With its extraordinary $19 billion swoop on WhatsApp last week, Facebook proved its stock is not so different from the crypto-currency of the moment, bitcoin. They can both be used for certain, specific purposes. Neither is backed by a government. Both depend on vast networks of individuals. And their worth reflects demand, which is based on murky fundamentals. The trick: monetize them while they still have value.

COMMENT

I was thinking a similar set of thoughts yesterday. not the devaluation but the true value of a Facebook in terms of influence and comparing it to a retailer like Walmart. You see people go to Walmart every day and are influenced in buying what is stacked near the door and presented by the vendors on the shelves. All of this presentation is a method which has ben calculated to make you buy more.
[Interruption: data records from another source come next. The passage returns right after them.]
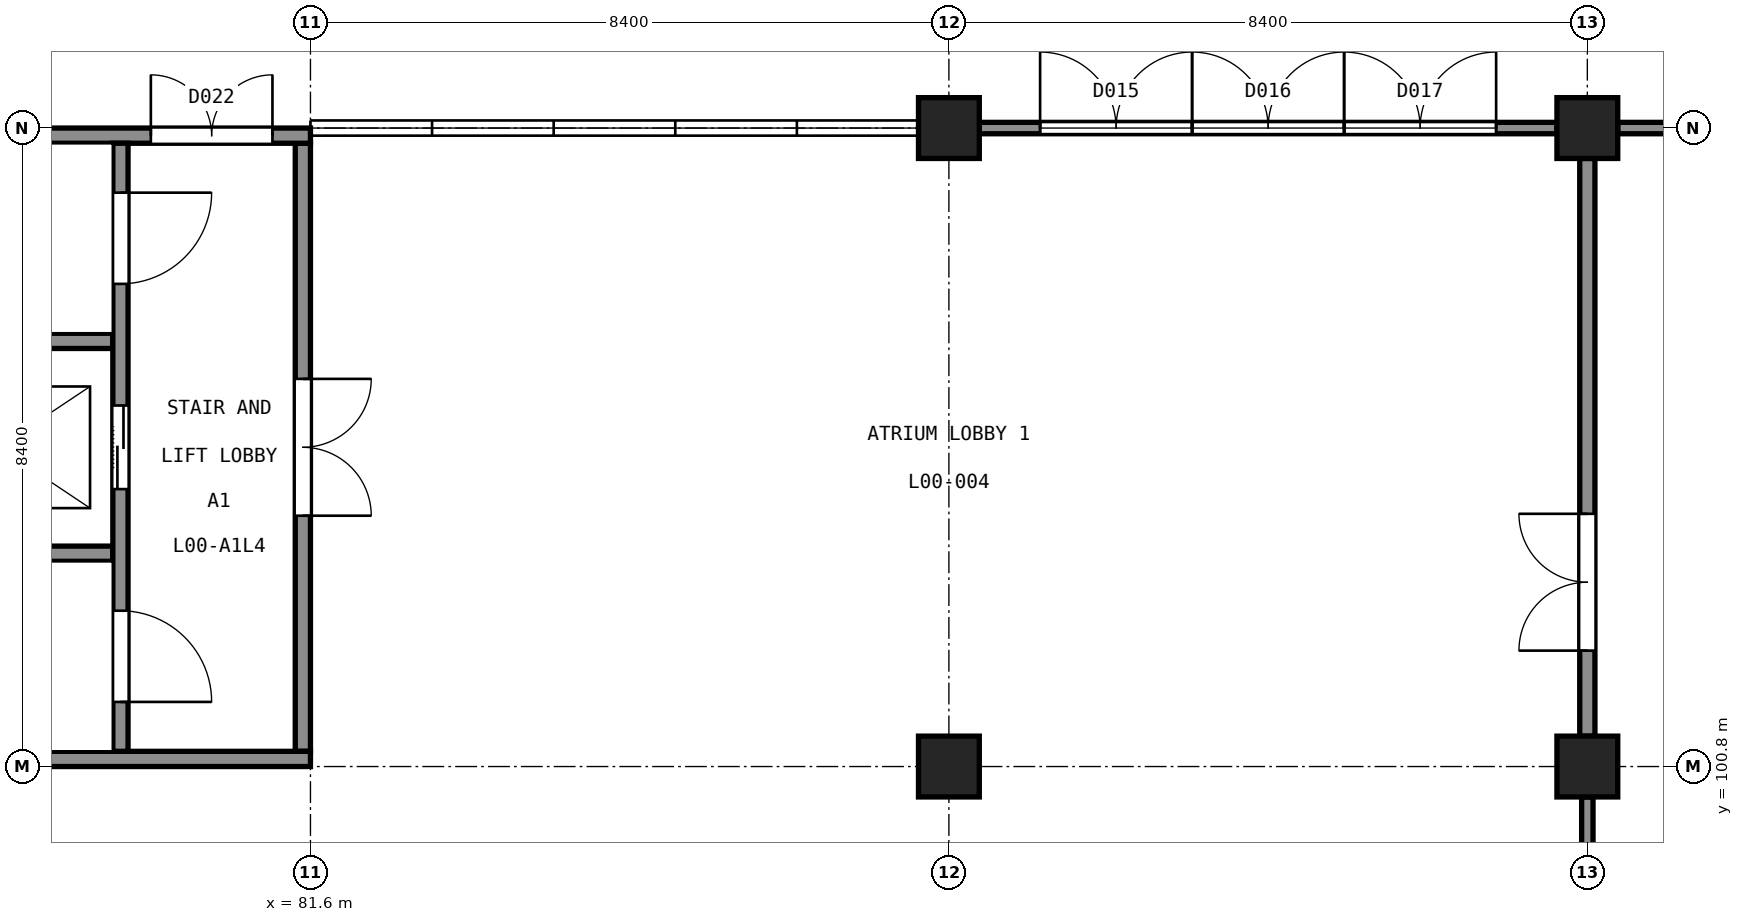
"""IFC4 building model, lengths in metres.
Left out: names, types, materials, properties, quantities, classifications, styles, units other than length and angle.
Written with IfcOpenShell. Run it as: python <this file> out.ifc"""

import sys

from ifc_helpers import new_model, si_unit, direction, frame, frame_2d, origin, origin_2d, place, context, subcontext, project, spatial, rectangle, extrude, element, fill, save


model = new_model("IFC4")
c1 = context("Model", 3, precision=1e-05, world=origin(), true_north=direction((0.0, 1.0)))
c2 = subcontext(c1, "Body", "Model", "MODEL_VIEW")
j1 = project(units=[si_unit("LENGTHUNIT", "METRE"), si_unit("PLANEANGLEUNIT", "RADIAN")], contexts=[c1])
p1 = place(None, origin())
s1 = spatial("IfcSite", under=j1, at=p1, CompositionType="ELEMENT")
p2 = place(p1, origin())
s2 = spatial("IfcBuilding", under=s1, at=p2, CompositionType="ELEMENT")
p3 = place(p2, origin())
s3 = spatial("IfcBuildingStorey", under=s2, at=p3, CompositionType="ELEMENT", Elevation=0.0)
p4 = place(p3, frame((73.2, 100.9, -1.8), z_axis=(0.0, 0.0, 1.0), x_axis=(1.0, 0.0, 0.0)))
e1 = element("IfcWall", 1, at=p4, inside=s3, PredefinedType="SHEAR", context=c2, shape_type="SweptSolid", body=[
    extrude(rectangle(XDim=8.4, YDim=0.2, at=frame_2d((4.2, 0.0))), origin(), (0.0, 0.0, 1.0), 7.3),
])
p5 = place(p3, frame((73.2, 109.1, -1.8), z_axis=(0.0, 0.0, 1.0), x_axis=(1.0, 0.0, 0.0)))
e2 = element("IfcWall", 2, at=p5, inside=s3, PredefinedType="SHEAR", context=c2, shape_type="SweptSolid", body=[
    extrude(rectangle(XDim=8.4, YDim=0.2, at=frame_2d((4.2, 0.0))), origin(), (0.0, 0.0, 1.0), 7.3),
])
p6 = place(p5, frame((6.3, 0.0, 1.8)))
e3 = element("IfcOpeningElement", 3, at=p6, cuts=e2, PredefinedType="OPENING", context=c2, shape_type="SweptSolid", body=[
    extrude(rectangle(XDim=1.6, YDim=2.1, at=frame_2d((0.8, 1.05))), frame((0.0, 0.11, 0.0), z_axis=(0.0, -1.0, 0.0), x_axis=(1.0, 0.0, 0.0)), (0.0, 0.0, 1.0), 0.22),
])
p7 = place(p3, frame((81.5, 101.0, -1.8), z_axis=(0.0, 0.0, 1.0), x_axis=(0.0, 1.0, 0.0)))
e4 = element("IfcWall", 4, at=p7, inside=s3, PredefinedType="SHEAR", context=c2, shape_type="SweptSolid", body=[
    extrude(rectangle(XDim=8.0, YDim=0.2, at=frame_2d((4.0, 0.0))), origin(), (0.0, 0.0, 1.0), 7.3),
])
p8 = place(p7, frame((3.1, 0.0, 1.8)))
e5 = element("IfcOpeningElement", 5, at=p8, cuts=e4, PredefinedType="OPENING", context=c2, shape_type="SweptSolid", body=[
    extrude(rectangle(XDim=1.8, YDim=2.1, at=frame_2d((0.9, 1.05))), frame((0.0, 0.11, 0.0), z_axis=(0.0, -1.0, 0.0), x_axis=(1.0, 0.0, 0.0)), (0.0, 0.0, 1.0), 0.22),
])
p9 = place(p3, frame((79.1, 101.0, -1.8), z_axis=(0.0, 0.0, 1.0), x_axis=(0.0, 1.0, 0.0)))
e6 = element("IfcWall", 6, at=p9, inside=s3, PredefinedType="SHEAR", context=c2, shape_type="SweptSolid", body=[
    extrude(rectangle(XDim=8.0, YDim=0.2, at=frame_2d((4.0, 0.0))), origin(), (0.0, 0.0, 1.0), 7.3),
])
p10 = place(p9, frame((0.65, 0.0, 1.8)))
e7 = element("IfcOpeningElement", 7, at=p10, cuts=e6, PredefinedType="OPENING", context=c2, shape_type="SweptSolid", body=[
    extrude(rectangle(XDim=1.2, YDim=2.1, at=frame_2d((0.6, 1.05))), frame((0.0, 0.11, 0.0), z_axis=(0.0, -1.0, 0.0), x_axis=(1.0, 0.0, 0.0)), (0.0, 0.0, 1.0), 0.22),
])
p11 = place(p9, frame((6.15, 0.0, 1.8)))
e8 = element("IfcOpeningElement", 8, at=p11, cuts=e6, PredefinedType="OPENING", context=c2, shape_type="SweptSolid", body=[
    extrude(rectangle(XDim=1.2, YDim=2.1, at=frame_2d((0.6, 1.05))), frame((0.0, 0.11, 0.0), z_axis=(0.0, -1.0, 0.0), x_axis=(1.0, 0.0, 0.0)), (0.0, 0.0, 1.0), 0.22),
])
p12 = place(p9, frame((3.45, 0.0, 1.8)))
e9 = element("IfcOpeningElement", 9, at=p12, cuts=e6, PredefinedType="OPENING", context=c2, shape_type="SweptSolid", body=[
    extrude(rectangle(XDim=1.1, YDim=2.1, at=frame_2d((0.55, 1.05))), frame((0.0, 0.11, 0.0), z_axis=(0.0, -1.0, 0.0), x_axis=(1.0, 0.0, 0.0)), (0.0, 0.0, 1.0), 0.22),
])
for number, where, z_axis, x_axis in (
    (10, (73.4, 103.6, -1.8), (0.0, 0.0, 1.0), (1.0, 0.0, 0.0)),
    (11, (73.4, 106.4, -1.8), (0.0, 0.0, 1.0), (1.0, 0.0, 0.0)),
):
    element("IfcWall", number, at=place(p3, frame(where, z_axis=z_axis, x_axis=x_axis)), inside=s3, PredefinedType="SHEAR", context=c2, shape_type="SweptSolid", body=[
        extrude(rectangle(XDim=5.6, YDim=0.2, at=frame_2d((2.8, 0.0))), origin(), (0.0, 0.0, 1.0), 7.3),
    ])
for number, where, z_axis, x_axis in (
    (12, (90.0, 100.8, -0.3), (0.0, 0.0, 1.0), (1.0, 0.0, 0.0)),
    (13, (90.0, 109.2, -0.3), (0.0, 0.0, 1.0), (1.0, 0.0, 0.0)),
    (14, (98.4, 100.8, -0.3), (0.0, 0.0, 1.0), (1.0, 0.0, 0.0)),
    (15, (98.4, 109.2, -0.3), (0.0, 0.0, 1.0), (1.0, 0.0, 0.0)),
):
    element("IfcColumn", number, at=place(p3, frame(where, z_axis=z_axis, x_axis=x_axis)), inside=s3, PredefinedType="COLUMN", context=c2, shape_type="SweptSolid", body=[
        extrude(rectangle(XDim=0.8, YDim=0.8, at=origin_2d()), origin(), (0.0, 0.0, 1.0), 5.8),
    ])
p13 = place(p3, frame((98.8, 109.2, 0.0), z_axis=(0.0, 0.0, 1.0), x_axis=(1.0, 0.0, 0.0)))
e16 = element("IfcWall", 16, at=p13, inside=s3, PredefinedType="ELEMENTEDWALL", context=c2, shape_type="SweptSolid", body=[
    extrude(rectangle(XDim=7.6, YDim=0.15, at=frame_2d((3.8, 0.0))), origin(), (0.0, 0.0, 1.0), 4.44),
])
p14 = place(p13, frame((2.0, 0.0, 0.0)))
e17 = element("IfcOpeningElement", 17, at=p14, cuts=e16, PredefinedType="OPENING", context=c2, shape_type="SweptSolid", body=[
    extrude(rectangle(XDim=1.8, YDim=2.4, at=frame_2d((0.9, 1.2))), frame((0.0, 0.085, 0.0), z_axis=(0.0, -1.0, 0.0), x_axis=(1.0, 0.0, 0.0)), (0.0, 0.0, 1.0), 0.17),
])
p15 = place(p13, frame((2.0, 0.0, 2.6)))
e18 = element("IfcOpeningElement", 18, at=p15, cuts=e16, PredefinedType="OPENING", context=c2, shape_type="SweptSolid", body=[
    extrude(rectangle(XDim=1.8, YDim=1.74, at=frame_2d((0.9, 0.87))), frame((0.0, 0.085, 0.0), z_axis=(0.0, -1.0, 0.0), x_axis=(1.0, 0.0, 0.0)), (0.0, 0.0, 1.0), 0.17),
])
p16 = place(p13, frame((3.8, 0.0, 0.0)))
e19 = element("IfcOpeningElement", 19, at=p16, cuts=e16, PredefinedType="OPENING", context=c2, shape_type="SweptSolid", body=[
    extrude(rectangle(XDim=1.8, YDim=2.4, at=frame_2d((0.9, 1.2))), frame((0.0, 0.085, 0.0), z_axis=(0.0, -1.0, 0.0), x_axis=(1.0, 0.0, 0.0)), (0.0, 0.0, 1.0), 0.17),
])
p17 = place(p13, frame((3.8, 0.0, 2.6)))
e20 = element("IfcOpeningElement", 20, at=p17, cuts=e16, PredefinedType="OPENING", context=c2, shape_type="SweptSolid", body=[
    extrude(rectangle(XDim=1.8, YDim=1.74, at=frame_2d((0.9, 0.87))), frame((0.0, 0.085, 0.0), z_axis=(0.0, -1.0, 0.0), x_axis=(1.0, 0.0, 0.0)), (0.0, 0.0, 1.0), 0.17),
])
p18 = place(p3, frame((90.4, 109.2, 0.0), z_axis=(0.0, 0.0, 1.0), x_axis=(1.0, 0.0, 0.0)))
e21 = element("IfcWall", 21, at=p18, inside=s3, PredefinedType="ELEMENTEDWALL", context=c2, shape_type="SweptSolid", body=[
    extrude(rectangle(XDim=7.6, YDim=0.15, at=frame_2d((3.8, 0.0))), origin(), (0.0, 0.0, 1.0), 4.44),
])
p19 = place(p18, frame((0.8, 0.0, 0.0)))
e22 = element("IfcOpeningElement", 22, at=p19, cuts=e21, PredefinedType="OPENING", context=c2, shape_type="SweptSolid", body=[
    extrude(rectangle(XDim=2.0, YDim=2.4, at=frame_2d((1.0, 1.2))), frame((0.0, 0.085, 0.0), z_axis=(0.0, -1.0, 0.0), x_axis=(1.0, 0.0, 0.0)), (0.0, 0.0, 1.0), 0.17),
])
p20 = place(p18, frame((0.8, 0.0, 2.6)))
e23 = element("IfcOpeningElement", 23, at=p20, cuts=e21, PredefinedType="OPENING", context=c2, shape_type="SweptSolid", body=[
    extrude(rectangle(XDim=2.0, YDim=1.74, at=frame_2d((1.0, 0.87))), frame((0.0, 0.085, 0.0), z_axis=(0.0, -1.0, 0.0), x_axis=(1.0, 0.0, 0.0)), (0.0, 0.0, 1.0), 0.17),
])
p21 = place(p18, frame((2.8, 0.0, 0.0)))
e24 = element("IfcOpeningElement", 24, at=p21, cuts=e21, PredefinedType="OPENING", context=c2, shape_type="SweptSolid", body=[
    extrude(rectangle(XDim=2.0, YDim=2.4, at=frame_2d((1.0, 1.2))), frame((0.0, 0.085, 0.0), z_axis=(0.0, -1.0, 0.0), x_axis=(1.0, 0.0, 0.0)), (0.0, 0.0, 1.0), 0.17),
])
p22 = place(p18, frame((2.8, 0.0, 2.6)))
e25 = element("IfcOpeningElement", 25, at=p22, cuts=e21, PredefinedType="OPENING", context=c2, shape_type="SweptSolid", body=[
    extrude(rectangle(XDim=2.0, YDim=1.74, at=frame_2d((1.0, 0.87))), frame((0.0, 0.085, 0.0), z_axis=(0.0, -1.0, 0.0), x_axis=(1.0, 0.0, 0.0)), (0.0, 0.0, 1.0), 0.17),
])
p23 = place(p18, frame((4.8, 0.0, 0.0)))
e26 = element("IfcOpeningElement", 26, at=p23, cuts=e21, PredefinedType="OPENING", context=c2, shape_type="SweptSolid", body=[
    extrude(rectangle(XDim=2.0, YDim=2.4, at=frame_2d((1.0, 1.2))), frame((0.0, 0.085, 0.0), z_axis=(0.0, -1.0, 0.0), x_axis=(1.0, 0.0, 0.0)), (0.0, 0.0, 1.0), 0.17),
])
p24 = place(p18, frame((4.8, 0.0, 2.6)))
e27 = element("IfcOpeningElement", 27, at=p24, cuts=e21, PredefinedType="OPENING", context=c2, shape_type="SweptSolid", body=[
    extrude(rectangle(XDim=2.0, YDim=1.74, at=frame_2d((1.0, 0.87))), frame((0.0, 0.085, 0.0), z_axis=(0.0, -1.0, 0.0), x_axis=(1.0, 0.0, 0.0)), (0.0, 0.0, 1.0), 0.17),
])
p25 = place(p3, frame((98.4, 101.2, 0.0), z_axis=(0.0, 0.0, 1.0), x_axis=(0.0, 1.0, 0.0)))
e28 = element("IfcWall", 28, at=p25, inside=s3, PredefinedType="PARTITIONING", context=c2, shape_type="SweptSolid", body=[
    extrude(rectangle(XDim=7.6, YDim=0.2, at=frame_2d((3.8, 0.0))), origin(), (0.0, 0.0, 1.0), 4.4),
])
p26 = place(p25, frame((1.125, 0.0, 0.0)))
e29 = element("IfcOpeningElement", 29, at=p26, cuts=e28, PredefinedType="OPENING", context=c2, shape_type="SweptSolid", body=[
    extrude(rectangle(XDim=1.8, YDim=2.1, at=frame_2d((0.9, 1.05))), frame((0.0, 0.11, 0.0), z_axis=(0.0, -1.0, 0.0), x_axis=(1.0, 0.0, 0.0)), (0.0, 0.0, 1.0), 0.22),
])
p27 = place(p3, frame((98.4, 92.8, 0.0), z_axis=(0.0, 0.0, 1.0), x_axis=(0.0, 1.0, 0.0)))
e30 = element("IfcWall", 30, at=p27, inside=s3, PredefinedType="PARTITIONING", context=c2, shape_type="SweptSolid", body=[
    extrude(rectangle(XDim=7.6, YDim=0.15, at=frame_2d((3.8, 0.0))), origin(), (0.0, 0.0, 1.0), 4.4),
])
p28 = place(p19, origin())
e31 = element("IfcDoor", 31, at=p28, inside=s3, OperationType="DOUBLE_DOOR_SINGLE_SWING", PredefinedType="DOOR", context=c2, shape_type="SweptSolid", body=[
    extrude(rectangle(XDim=2.0, YDim=2.4, at=frame_2d((1.0, 1.2))), frame((0.0, 0.025, 0.0), z_axis=(0.0, -1.0, 0.0), x_axis=(1.0, 0.0, 0.0)), (0.0, 0.0, 1.0), 0.05),
])
fill(e22, e31)
p29 = place(p20, origin())
e32 = element("IfcWindow", 32, at=p29, inside=s3, PartitioningType="SINGLE_PANEL", PredefinedType="WINDOW", context=c2, shape_type="SweptSolid", body=[
    extrude(rectangle(XDim=2.0, YDim=1.74, at=frame_2d((1.0, 0.87))), frame((0.0, 0.03, 0.0), z_axis=(0.0, -1.0, 0.0), x_axis=(1.0, 0.0, 0.0)), (0.0, 0.0, 1.0), 0.06),
])
fill(e23, e32)
p30 = place(p21, origin())
e33 = element("IfcDoor", 33, at=p30, inside=s3, OperationType="DOUBLE_DOOR_SINGLE_SWING", PredefinedType="DOOR", context=c2, shape_type="SweptSolid", body=[
    extrude(rectangle(XDim=2.0, YDim=2.4, at=frame_2d((1.0, 1.2))), frame((0.0, 0.025, 0.0), z_axis=(0.0, -1.0, 0.0), x_axis=(1.0, 0.0, 0.0)), (0.0, 0.0, 1.0), 0.05),
])
fill(e24, e33)
p31 = place(p22, origin())
e34 = element("IfcWindow", 34, at=p31, inside=s3, PartitioningType="SINGLE_PANEL", PredefinedType="WINDOW", context=c2, shape_type="SweptSolid", body=[
    extrude(rectangle(XDim=2.0, YDim=1.74, at=frame_2d((1.0, 0.87))), frame((0.0, 0.03, 0.0), z_axis=(0.0, -1.0, 0.0), x_axis=(1.0, 0.0, 0.0)), (0.0, 0.0, 1.0), 0.06),
])
fill(e25, e34)
p32 = place(p23, origin())
e35 = element("IfcDoor", 35, at=p32, inside=s3, OperationType="DOUBLE_DOOR_SINGLE_SWING", PredefinedType="DOOR", context=c2, shape_type="SweptSolid", body=[
    extrude(rectangle(XDim=2.0, YDim=2.4, at=frame_2d((1.0, 1.2))), frame((0.0, 0.025, 0.0), z_axis=(0.0, -1.0, 0.0), x_axis=(1.0, 0.0, 0.0)), (0.0, 0.0, 1.0), 0.05),
])
fill(e26, e35)
p33 = place(p24, origin())
e36 = element("IfcWindow", 36, at=p33, inside=s3, PartitioningType="SINGLE_PANEL", PredefinedType="WINDOW", context=c2, shape_type="SweptSolid", body=[
    extrude(rectangle(XDim=2.0, YDim=1.74, at=frame_2d((1.0, 0.87))), frame((0.0, 0.03, 0.0), z_axis=(0.0, -1.0, 0.0), x_axis=(1.0, 0.0, 0.0)), (0.0, 0.0, 1.0), 0.06),
])
fill(e27, e36)
p34 = place(p6, origin())
e37 = element("IfcDoor", 37, at=p34, inside=s3, OperationType="DOUBLE_DOOR_SINGLE_SWING", PredefinedType="DOOR", context=c2, shape_type="SweptSolid", body=[
    extrude(rectangle(XDim=1.6, YDim=2.1, at=frame_2d((0.8, 1.05))), frame((0.0, 0.025, 0.0), z_axis=(0.0, -1.0, 0.0), x_axis=(1.0, 0.0, 0.0)), (0.0, 0.0, 1.0), 0.05),
])
fill(e3, e37)
p35 = place(p26, origin())
e38 = element("IfcDoor", 38, at=p35, inside=s3, OperationType="DOUBLE_DOOR_SINGLE_SWING", PredefinedType="DOOR", context=c2, shape_type="SweptSolid", body=[
    extrude(rectangle(XDim=1.8, YDim=2.1, at=frame_2d((0.9, 1.05))), frame((0.0, 0.025, 0.0), z_axis=(0.0, -1.0, 0.0), x_axis=(1.0, 0.0, 0.0)), (0.0, 0.0, 1.0), 0.05),
])
fill(e29, e38)
p36 = place(p8, origin())
e39 = element("IfcDoor", 39, at=p36, inside=s3, OperationType="DOUBLE_DOOR_SINGLE_SWING", PredefinedType="DOOR", context=c2, shape_type="SweptSolid", body=[
    extrude(rectangle(XDim=1.8, YDim=2.1, at=frame_2d((0.9, 1.05))), frame((0.0, 0.025, 0.0), z_axis=(0.0, -1.0, 0.0), x_axis=(1.0, 0.0, 0.0)), (0.0, 0.0, 1.0), 0.05),
])
fill(e5, e39)
p37 = place(p10, origin())
e40 = element("IfcDoor", 40, at=p37, inside=s3, OperationType="SINGLE_SWING_LEFT", PredefinedType="DOOR", context=c2, shape_type="SweptSolid", body=[
    extrude(rectangle(XDim=1.2, YDim=2.1, at=frame_2d((0.6, 1.05))), frame((0.0, 0.025, 0.0), z_axis=(0.0, -1.0, 0.0), x_axis=(1.0, 0.0, 0.0)), (0.0, 0.0, 1.0), 0.05),
])
fill(e7, e40)
p38 = place(p11, origin())
e41 = element("IfcDoor", 41, at=p38, inside=s3, OperationType="SINGLE_SWING_RIGHT", PredefinedType="DOOR", context=c2, shape_type="SweptSolid", body=[
    extrude(rectangle(XDim=1.2, YDim=2.1, at=frame_2d((0.6, 1.05))), frame((0.0, 0.025, 0.0), z_axis=(0.0, -1.0, 0.0), x_axis=(1.0, 0.0, 0.0)), (0.0, 0.0, 1.0), 0.05),
])
fill(e8, e41)
p39 = place(p12, origin())
e42 = element("IfcDoor", 42, at=p39, inside=s3, OperationType="DOUBLE_DOOR_SLIDING", PredefinedType="DOOR", context=c2, shape_type="SweptSolid", body=[
    extrude(rectangle(XDim=1.1, YDim=2.1, at=frame_2d((0.55, 1.05))), frame((0.0, 0.025, 0.0), z_axis=(0.0, -1.0, 0.0), x_axis=(1.0, 0.0, 0.0)), (0.0, 0.0, 1.0), 0.05),
])
fill(e9, e42)
save(model, sys.argv[1])

Think of a model where a Facebook is the new influencer in a virtual retailer sense. They sell advertising and influence people to purchase various things through their social network circles. How is this different from a Walmart model? Yes it is virtual. FB can even enter a new country quite easily and if it does not work out it can exit. Walmart typically has to acquire a competitor in the new country as they need to get in with immediate scale and have bricks and mortar right away to get the good locations. So with this in mind….at 10 years old could Facebook be the new Walmart as they will be everywhere, the largest and the most influential very soon? Maybe the high valuations they are putting on FB shares are justified if you look at the potential. Or maybe I have just been influenced.